Forse perché sapeva che le piante selvatiche a differenza delle selezioni coltivate sono più forti e di conseguenza più ricche di proprietà.
Forse semplicemente perché stare a contatto con la natura rallegrava il suo corpo e il suo spirito?
O forse semplicemente perché saper aspettare e cercare era una parte divertente del gioco. Avere sempre disponibilità di qualcosa non lo rende di certo prezioso, giusto?
Purtroppo oggi non posso più chiederglielo ma sono sicura che anche per lui la pratica della raccolta selvatica era qualcosa di più profondo.
Ogni seme trova il momento giusto per germogliare
Queste sensazioni si sono svelate anche dentro di me, durante il primo lockdown del 2020, quando causa pandemia Covid19 siamo stati costretti a ridurre i nostri spostamenti. Ciò che si poteva fare era uscire a piedi da soli, senza spostarsi troppo da casa.
Ed era primavera. E che ne sapeva la primavera del Coronavirus? Assolutamente nulla!

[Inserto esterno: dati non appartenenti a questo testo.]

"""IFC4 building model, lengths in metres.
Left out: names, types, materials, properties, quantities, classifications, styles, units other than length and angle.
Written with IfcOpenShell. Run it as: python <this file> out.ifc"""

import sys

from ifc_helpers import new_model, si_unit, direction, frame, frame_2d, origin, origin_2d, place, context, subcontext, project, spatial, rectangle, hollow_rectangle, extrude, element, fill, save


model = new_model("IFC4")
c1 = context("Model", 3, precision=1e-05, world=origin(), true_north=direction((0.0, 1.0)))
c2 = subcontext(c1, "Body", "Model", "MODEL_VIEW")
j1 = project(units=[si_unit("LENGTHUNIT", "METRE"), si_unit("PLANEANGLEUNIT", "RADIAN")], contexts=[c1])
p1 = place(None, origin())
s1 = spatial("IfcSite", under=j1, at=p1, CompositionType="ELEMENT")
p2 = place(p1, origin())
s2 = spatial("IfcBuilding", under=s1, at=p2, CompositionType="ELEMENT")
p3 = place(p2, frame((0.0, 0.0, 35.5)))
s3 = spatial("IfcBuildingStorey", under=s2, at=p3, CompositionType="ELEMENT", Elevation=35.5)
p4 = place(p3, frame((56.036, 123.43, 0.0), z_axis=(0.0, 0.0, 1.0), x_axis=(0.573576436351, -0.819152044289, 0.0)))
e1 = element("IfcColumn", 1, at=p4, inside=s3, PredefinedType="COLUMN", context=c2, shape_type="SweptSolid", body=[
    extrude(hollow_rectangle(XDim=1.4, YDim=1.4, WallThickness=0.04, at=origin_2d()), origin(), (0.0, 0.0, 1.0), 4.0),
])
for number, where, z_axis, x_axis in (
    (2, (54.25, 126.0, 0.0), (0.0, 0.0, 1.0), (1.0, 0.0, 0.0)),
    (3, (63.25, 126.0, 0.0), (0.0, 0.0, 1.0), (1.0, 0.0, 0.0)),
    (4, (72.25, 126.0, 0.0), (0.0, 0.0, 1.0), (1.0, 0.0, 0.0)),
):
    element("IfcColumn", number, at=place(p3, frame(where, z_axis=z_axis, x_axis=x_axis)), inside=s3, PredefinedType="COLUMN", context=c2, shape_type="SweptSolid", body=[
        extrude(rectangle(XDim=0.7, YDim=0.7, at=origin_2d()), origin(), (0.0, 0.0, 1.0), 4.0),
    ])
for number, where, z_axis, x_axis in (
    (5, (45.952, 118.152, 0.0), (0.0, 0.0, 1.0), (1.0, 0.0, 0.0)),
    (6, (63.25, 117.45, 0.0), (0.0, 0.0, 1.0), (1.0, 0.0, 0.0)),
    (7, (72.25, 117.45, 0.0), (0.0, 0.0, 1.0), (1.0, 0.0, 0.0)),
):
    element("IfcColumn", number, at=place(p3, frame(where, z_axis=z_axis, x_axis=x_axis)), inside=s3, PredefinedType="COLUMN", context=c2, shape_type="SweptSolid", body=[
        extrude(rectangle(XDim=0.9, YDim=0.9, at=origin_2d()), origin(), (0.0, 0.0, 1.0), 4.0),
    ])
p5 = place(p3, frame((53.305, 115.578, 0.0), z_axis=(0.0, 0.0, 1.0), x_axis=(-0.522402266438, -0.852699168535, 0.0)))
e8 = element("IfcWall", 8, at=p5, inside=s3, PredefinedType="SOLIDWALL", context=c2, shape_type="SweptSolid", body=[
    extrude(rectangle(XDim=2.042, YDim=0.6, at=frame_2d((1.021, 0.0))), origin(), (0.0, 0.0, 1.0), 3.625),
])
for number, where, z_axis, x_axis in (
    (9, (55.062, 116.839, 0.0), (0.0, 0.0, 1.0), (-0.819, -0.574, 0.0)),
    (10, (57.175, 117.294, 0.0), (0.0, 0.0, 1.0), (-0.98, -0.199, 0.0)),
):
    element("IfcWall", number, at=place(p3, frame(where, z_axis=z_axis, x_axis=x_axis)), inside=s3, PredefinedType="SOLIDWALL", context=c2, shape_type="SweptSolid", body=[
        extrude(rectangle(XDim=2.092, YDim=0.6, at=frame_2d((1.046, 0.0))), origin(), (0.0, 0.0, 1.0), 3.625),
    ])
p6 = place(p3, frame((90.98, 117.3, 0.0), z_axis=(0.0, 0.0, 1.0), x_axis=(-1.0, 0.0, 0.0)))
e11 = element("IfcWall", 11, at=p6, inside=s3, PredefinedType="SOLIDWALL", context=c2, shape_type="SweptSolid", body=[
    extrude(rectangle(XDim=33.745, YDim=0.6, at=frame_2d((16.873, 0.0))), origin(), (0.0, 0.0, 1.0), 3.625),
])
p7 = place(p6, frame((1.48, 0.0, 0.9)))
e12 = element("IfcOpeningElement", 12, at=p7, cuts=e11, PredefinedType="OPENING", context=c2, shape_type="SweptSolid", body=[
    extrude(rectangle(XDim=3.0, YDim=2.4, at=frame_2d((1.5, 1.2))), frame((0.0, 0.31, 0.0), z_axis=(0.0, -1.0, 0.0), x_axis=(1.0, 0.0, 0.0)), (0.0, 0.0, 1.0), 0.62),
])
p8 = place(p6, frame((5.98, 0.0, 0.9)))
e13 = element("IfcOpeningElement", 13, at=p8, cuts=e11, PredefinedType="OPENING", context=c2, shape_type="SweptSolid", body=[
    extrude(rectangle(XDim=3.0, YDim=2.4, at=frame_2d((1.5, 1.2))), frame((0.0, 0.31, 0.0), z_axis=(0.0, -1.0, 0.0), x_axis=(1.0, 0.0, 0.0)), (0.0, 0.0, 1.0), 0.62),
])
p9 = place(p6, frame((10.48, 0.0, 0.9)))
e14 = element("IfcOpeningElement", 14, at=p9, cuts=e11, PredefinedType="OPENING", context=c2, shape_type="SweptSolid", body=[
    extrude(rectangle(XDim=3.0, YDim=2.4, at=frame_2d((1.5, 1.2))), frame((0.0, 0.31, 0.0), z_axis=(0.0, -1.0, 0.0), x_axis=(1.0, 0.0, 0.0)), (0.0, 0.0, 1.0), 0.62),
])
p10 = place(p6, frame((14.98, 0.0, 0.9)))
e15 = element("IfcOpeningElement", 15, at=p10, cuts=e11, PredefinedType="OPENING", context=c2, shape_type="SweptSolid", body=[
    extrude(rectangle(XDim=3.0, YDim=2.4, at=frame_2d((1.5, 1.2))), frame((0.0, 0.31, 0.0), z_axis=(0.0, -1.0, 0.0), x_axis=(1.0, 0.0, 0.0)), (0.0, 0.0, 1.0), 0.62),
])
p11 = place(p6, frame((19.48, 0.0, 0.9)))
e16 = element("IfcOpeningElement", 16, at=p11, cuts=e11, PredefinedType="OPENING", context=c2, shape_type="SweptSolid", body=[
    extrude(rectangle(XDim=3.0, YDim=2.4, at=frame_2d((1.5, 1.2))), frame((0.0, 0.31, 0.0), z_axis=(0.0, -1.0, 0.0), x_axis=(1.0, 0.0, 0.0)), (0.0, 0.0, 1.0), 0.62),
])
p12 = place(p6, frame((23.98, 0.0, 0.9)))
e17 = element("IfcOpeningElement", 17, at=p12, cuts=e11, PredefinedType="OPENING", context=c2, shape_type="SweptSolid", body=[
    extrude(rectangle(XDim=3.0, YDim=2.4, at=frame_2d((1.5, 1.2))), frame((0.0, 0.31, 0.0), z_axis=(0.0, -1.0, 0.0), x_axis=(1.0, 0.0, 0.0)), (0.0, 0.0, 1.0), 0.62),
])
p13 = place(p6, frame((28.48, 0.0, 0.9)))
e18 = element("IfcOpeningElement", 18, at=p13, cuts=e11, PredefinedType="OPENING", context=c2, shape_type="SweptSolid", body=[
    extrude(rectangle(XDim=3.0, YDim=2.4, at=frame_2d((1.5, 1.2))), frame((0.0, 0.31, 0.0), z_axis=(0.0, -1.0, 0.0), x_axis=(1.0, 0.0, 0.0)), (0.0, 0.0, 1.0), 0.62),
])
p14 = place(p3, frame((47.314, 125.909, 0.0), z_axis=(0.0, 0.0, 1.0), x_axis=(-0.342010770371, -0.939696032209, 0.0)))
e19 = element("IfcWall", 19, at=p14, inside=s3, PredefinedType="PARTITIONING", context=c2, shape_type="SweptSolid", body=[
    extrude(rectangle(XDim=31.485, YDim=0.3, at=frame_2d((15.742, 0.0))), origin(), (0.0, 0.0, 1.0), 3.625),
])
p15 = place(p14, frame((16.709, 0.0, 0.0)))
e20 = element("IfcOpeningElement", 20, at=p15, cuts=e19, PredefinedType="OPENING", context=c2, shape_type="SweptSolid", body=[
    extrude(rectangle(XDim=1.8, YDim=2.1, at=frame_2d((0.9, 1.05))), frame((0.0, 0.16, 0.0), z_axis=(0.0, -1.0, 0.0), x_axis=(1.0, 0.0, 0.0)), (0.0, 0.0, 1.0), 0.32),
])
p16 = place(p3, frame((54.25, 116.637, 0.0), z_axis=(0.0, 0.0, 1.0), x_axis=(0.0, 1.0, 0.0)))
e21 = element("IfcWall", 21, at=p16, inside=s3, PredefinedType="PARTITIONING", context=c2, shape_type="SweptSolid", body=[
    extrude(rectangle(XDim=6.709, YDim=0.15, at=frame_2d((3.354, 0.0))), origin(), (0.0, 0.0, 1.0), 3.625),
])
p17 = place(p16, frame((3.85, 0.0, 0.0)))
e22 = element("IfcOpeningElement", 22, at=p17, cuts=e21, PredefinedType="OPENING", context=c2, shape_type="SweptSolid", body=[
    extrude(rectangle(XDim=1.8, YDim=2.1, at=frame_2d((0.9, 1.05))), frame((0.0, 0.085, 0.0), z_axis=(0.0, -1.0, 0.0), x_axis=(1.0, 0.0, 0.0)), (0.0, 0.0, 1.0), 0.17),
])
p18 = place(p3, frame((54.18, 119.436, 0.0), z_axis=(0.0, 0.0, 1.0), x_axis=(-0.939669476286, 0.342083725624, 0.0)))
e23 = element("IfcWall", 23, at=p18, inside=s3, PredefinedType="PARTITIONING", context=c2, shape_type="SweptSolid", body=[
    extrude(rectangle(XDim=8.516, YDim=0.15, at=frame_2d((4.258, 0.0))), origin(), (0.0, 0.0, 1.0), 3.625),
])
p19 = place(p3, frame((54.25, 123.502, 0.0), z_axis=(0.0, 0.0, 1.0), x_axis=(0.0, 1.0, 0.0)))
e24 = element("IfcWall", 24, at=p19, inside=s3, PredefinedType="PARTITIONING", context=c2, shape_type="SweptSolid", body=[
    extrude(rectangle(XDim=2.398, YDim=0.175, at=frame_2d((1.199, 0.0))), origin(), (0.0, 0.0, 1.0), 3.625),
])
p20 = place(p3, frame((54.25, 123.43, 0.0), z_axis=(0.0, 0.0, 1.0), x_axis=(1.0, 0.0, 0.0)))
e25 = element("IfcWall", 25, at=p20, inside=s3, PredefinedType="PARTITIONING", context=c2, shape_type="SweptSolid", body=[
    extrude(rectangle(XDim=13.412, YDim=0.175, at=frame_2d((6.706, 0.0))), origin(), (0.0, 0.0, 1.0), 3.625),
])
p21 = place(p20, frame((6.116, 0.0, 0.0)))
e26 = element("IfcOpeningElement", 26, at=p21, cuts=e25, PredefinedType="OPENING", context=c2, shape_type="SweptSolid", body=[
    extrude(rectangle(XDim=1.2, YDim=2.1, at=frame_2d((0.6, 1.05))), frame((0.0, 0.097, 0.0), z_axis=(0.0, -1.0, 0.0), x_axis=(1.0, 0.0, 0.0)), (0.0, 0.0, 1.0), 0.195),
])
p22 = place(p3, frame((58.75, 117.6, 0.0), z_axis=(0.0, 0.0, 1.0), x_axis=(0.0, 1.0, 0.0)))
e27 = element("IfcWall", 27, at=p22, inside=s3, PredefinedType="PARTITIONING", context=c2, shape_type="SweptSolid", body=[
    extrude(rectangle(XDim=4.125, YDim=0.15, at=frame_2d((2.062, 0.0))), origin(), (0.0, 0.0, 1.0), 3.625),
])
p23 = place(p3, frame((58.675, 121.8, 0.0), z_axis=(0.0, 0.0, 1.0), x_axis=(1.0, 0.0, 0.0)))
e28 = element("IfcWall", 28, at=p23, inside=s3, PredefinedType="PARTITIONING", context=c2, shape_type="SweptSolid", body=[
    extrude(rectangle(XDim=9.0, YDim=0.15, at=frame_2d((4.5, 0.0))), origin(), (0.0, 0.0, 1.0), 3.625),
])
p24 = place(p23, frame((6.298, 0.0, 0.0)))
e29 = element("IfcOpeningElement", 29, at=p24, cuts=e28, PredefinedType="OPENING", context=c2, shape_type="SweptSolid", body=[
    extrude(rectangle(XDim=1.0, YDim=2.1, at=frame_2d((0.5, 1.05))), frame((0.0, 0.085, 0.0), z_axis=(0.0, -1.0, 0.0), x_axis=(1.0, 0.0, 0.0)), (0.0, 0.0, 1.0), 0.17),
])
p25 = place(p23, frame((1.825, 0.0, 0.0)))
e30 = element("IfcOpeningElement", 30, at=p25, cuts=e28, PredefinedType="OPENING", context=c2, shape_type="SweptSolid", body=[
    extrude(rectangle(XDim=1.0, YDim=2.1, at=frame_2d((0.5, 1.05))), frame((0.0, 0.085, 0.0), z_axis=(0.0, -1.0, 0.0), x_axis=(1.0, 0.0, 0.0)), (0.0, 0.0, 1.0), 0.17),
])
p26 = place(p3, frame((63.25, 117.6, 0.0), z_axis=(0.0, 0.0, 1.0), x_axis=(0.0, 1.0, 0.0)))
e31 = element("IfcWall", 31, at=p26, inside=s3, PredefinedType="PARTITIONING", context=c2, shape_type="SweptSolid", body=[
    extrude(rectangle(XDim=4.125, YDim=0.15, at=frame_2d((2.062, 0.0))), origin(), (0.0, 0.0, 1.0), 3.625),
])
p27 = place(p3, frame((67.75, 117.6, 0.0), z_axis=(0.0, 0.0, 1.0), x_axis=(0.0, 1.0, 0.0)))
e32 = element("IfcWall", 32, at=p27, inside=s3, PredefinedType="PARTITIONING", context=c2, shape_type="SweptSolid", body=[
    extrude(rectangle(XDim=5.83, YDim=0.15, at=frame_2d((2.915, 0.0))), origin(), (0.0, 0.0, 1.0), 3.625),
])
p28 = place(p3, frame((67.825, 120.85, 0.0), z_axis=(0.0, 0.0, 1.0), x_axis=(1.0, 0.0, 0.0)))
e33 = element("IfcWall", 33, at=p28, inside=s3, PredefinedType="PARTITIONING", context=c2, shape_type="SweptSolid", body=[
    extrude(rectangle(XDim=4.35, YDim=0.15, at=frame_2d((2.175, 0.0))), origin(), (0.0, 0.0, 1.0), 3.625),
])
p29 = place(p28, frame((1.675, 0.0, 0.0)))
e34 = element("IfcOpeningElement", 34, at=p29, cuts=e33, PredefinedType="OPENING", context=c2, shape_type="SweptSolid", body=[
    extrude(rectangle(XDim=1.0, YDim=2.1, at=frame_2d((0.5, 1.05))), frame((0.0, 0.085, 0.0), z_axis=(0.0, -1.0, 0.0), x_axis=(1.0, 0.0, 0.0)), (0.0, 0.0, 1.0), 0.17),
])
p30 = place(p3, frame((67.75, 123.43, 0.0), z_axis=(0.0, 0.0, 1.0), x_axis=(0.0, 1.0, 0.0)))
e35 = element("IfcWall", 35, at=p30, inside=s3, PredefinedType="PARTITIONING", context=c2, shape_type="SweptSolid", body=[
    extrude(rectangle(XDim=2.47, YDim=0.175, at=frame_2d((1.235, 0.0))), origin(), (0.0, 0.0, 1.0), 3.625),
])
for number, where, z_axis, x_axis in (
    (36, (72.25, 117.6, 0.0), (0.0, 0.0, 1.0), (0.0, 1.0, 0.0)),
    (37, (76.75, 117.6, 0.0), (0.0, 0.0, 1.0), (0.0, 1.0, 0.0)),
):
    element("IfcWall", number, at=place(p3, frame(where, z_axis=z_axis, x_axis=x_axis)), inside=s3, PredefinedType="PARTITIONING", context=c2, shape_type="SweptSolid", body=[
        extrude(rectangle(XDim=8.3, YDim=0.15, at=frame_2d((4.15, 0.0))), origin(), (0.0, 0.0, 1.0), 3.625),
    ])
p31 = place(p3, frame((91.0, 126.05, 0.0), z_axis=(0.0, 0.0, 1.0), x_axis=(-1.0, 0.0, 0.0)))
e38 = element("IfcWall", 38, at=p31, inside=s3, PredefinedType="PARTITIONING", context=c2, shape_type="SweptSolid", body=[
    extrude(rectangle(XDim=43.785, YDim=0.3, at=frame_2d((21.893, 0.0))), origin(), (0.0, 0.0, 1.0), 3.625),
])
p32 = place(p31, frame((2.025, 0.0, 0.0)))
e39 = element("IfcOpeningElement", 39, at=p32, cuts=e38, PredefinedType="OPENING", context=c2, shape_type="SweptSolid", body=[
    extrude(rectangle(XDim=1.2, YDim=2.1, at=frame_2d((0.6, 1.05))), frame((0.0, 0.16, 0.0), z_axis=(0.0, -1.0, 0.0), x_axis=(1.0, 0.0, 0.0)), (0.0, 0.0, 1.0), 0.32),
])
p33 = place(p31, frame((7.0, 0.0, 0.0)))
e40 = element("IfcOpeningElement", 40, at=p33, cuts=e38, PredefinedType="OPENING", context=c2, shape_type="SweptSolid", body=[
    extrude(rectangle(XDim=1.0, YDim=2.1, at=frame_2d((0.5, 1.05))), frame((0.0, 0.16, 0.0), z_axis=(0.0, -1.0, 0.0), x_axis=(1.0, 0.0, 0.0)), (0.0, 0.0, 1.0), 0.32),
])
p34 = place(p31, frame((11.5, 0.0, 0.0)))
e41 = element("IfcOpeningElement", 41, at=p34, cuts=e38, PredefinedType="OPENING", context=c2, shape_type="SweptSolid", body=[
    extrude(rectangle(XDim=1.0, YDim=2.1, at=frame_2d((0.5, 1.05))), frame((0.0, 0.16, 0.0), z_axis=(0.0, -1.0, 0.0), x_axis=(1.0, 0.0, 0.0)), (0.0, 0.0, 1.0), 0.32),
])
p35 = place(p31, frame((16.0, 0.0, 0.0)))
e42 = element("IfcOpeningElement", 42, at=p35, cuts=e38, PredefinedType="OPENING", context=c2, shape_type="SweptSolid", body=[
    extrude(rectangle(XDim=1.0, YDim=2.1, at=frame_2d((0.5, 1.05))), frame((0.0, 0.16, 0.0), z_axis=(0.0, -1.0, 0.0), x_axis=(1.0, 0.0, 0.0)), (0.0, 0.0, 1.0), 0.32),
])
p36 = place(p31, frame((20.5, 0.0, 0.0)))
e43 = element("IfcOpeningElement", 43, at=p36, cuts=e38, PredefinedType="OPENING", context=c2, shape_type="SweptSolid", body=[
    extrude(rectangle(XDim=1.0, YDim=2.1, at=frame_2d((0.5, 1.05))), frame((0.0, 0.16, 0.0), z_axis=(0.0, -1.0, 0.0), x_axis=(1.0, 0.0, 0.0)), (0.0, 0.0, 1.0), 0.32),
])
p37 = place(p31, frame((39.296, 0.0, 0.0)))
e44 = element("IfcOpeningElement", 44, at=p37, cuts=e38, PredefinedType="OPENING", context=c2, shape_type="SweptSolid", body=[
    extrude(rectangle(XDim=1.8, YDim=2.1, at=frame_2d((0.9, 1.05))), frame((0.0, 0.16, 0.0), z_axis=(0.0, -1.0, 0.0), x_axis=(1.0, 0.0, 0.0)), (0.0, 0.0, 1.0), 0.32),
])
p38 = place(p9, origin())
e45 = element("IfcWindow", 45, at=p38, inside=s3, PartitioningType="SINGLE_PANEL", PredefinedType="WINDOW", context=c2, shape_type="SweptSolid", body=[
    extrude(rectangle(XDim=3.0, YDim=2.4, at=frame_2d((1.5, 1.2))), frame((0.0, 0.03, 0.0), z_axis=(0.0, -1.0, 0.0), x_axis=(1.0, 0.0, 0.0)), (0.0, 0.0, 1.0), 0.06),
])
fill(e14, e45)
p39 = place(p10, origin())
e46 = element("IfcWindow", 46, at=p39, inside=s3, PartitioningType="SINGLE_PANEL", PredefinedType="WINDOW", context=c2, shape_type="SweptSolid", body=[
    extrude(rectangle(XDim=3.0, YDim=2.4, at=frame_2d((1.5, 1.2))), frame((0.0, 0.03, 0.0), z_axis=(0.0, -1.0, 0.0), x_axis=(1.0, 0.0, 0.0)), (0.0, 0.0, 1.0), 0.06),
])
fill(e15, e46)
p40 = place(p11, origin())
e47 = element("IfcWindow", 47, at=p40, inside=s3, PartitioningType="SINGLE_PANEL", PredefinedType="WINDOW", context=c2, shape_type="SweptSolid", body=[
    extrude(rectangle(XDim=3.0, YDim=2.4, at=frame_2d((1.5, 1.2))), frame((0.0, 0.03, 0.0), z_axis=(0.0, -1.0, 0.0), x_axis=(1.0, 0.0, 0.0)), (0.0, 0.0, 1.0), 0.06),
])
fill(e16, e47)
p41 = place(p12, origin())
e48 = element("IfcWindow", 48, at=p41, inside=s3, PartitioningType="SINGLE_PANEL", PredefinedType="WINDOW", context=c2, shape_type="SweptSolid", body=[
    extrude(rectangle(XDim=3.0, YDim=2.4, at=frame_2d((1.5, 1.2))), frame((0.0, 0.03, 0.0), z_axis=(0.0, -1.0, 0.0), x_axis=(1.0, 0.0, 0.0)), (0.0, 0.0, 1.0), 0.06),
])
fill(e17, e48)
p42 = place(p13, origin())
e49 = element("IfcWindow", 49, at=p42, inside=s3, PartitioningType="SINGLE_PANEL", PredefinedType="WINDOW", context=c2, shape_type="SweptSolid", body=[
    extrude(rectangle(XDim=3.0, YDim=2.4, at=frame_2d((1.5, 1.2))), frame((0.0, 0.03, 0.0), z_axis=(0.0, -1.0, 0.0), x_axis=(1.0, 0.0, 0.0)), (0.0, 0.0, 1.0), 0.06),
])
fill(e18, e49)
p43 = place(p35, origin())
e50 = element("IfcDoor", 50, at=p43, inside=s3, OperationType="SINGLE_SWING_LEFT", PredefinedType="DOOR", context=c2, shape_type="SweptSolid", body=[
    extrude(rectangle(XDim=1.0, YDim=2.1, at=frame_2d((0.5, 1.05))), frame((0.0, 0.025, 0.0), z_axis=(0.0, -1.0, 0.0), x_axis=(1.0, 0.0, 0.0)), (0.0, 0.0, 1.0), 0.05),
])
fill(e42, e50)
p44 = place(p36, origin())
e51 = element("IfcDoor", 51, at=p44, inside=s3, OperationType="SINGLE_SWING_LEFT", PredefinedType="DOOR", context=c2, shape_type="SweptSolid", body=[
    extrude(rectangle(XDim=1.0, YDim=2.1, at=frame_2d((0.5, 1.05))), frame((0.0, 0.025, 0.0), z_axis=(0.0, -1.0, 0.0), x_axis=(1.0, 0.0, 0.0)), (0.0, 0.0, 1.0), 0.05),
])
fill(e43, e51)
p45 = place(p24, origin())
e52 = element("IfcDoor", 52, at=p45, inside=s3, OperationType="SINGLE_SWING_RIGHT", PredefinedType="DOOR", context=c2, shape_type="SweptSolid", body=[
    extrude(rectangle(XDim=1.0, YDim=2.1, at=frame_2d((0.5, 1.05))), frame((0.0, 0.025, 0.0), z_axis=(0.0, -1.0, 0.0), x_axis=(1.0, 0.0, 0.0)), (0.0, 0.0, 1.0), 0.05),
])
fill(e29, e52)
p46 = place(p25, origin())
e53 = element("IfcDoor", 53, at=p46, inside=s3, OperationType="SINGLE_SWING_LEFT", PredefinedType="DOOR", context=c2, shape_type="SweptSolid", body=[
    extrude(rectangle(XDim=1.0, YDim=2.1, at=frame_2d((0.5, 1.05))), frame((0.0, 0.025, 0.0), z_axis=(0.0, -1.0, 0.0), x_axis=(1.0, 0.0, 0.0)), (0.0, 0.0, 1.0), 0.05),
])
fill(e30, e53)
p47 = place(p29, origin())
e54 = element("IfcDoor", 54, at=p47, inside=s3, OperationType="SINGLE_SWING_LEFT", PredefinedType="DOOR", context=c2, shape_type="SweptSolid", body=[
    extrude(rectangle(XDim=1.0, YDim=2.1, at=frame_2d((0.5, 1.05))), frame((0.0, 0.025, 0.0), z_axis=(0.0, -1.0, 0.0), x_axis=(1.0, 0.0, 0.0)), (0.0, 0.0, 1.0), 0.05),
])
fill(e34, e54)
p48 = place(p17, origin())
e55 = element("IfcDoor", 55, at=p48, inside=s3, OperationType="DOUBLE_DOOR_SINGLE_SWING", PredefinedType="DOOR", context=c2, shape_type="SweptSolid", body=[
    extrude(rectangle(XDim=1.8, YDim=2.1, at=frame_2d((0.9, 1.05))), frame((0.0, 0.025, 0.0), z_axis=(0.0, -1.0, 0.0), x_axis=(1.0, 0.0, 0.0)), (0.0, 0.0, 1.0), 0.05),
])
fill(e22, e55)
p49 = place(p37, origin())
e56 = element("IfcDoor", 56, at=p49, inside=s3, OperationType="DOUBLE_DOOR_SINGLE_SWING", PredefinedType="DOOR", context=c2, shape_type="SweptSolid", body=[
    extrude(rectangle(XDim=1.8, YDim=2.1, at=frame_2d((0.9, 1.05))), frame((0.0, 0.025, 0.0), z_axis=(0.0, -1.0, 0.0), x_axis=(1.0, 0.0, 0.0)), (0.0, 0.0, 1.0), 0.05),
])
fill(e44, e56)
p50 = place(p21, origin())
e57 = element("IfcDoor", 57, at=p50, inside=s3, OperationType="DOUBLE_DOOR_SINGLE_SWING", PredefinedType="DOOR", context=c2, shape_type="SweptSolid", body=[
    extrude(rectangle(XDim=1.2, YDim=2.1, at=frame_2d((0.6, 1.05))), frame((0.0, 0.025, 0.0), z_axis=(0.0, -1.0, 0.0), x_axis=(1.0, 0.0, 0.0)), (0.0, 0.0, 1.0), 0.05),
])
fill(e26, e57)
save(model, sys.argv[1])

Quello era un momento drammatico solo per noi umani.
I notiziari mostravano gli scaffali dei supermercati presi d’assalto e ci raccontavano dei gravi risvolti economici che la pandemia stava procurando a livello mondiale. Intanto fuori casa fiorivano i prati, si svegliavano i boschi con le prime profumatissime foglioline di aglio orsino (Allium ursinum) e c’era cosi tanta bellezza in un momento buio come quello che stavamo attraversando. Era davvero un gran sollievo!
Passeggiata dopo passeggiata nasceva dentro di me il desiderio di osservare con attenzione e di conoscere questo meraviglioso universo vivente che vibra intono a noi. Il seme del raccoglitore piantato più di 30 anni fa dal nonno stava germogliando!
E così iniziai a studiare e a seguire corsi e laboratori per approfondire il meraviglioso mondo della botanica e dell’etnobotanica.
Iniziai a sperimentare la cucina selvatica e l’autoproduzione e questo mi dava e continua a darmi grande soddisfazione.
Preservare la biodiversità
Imparai che quei germogli che mio nonno raccoglieva (barba di becco – Aruncus dioicus) sono si commestibili ma che nelle regioni di Lombardia e Friuli, per via delle raccolte indiscriminate del passato, la pianta è protetta e la raccolta è vietata.
Capii che era fondamentale sviluppare una coscienza ecologica improntata ad un consapevole rispetto della natura, degli ambienti, della biodiversità e degli ecosistemi.
E cosi è nato Ritorno al bosco. È nato dal desiderio di divulgare maggior rispetto e consapevolezza verso la natura e tramandare gli usi delle erbe e delle piante commestibili e officinali che vivono intorno a noi.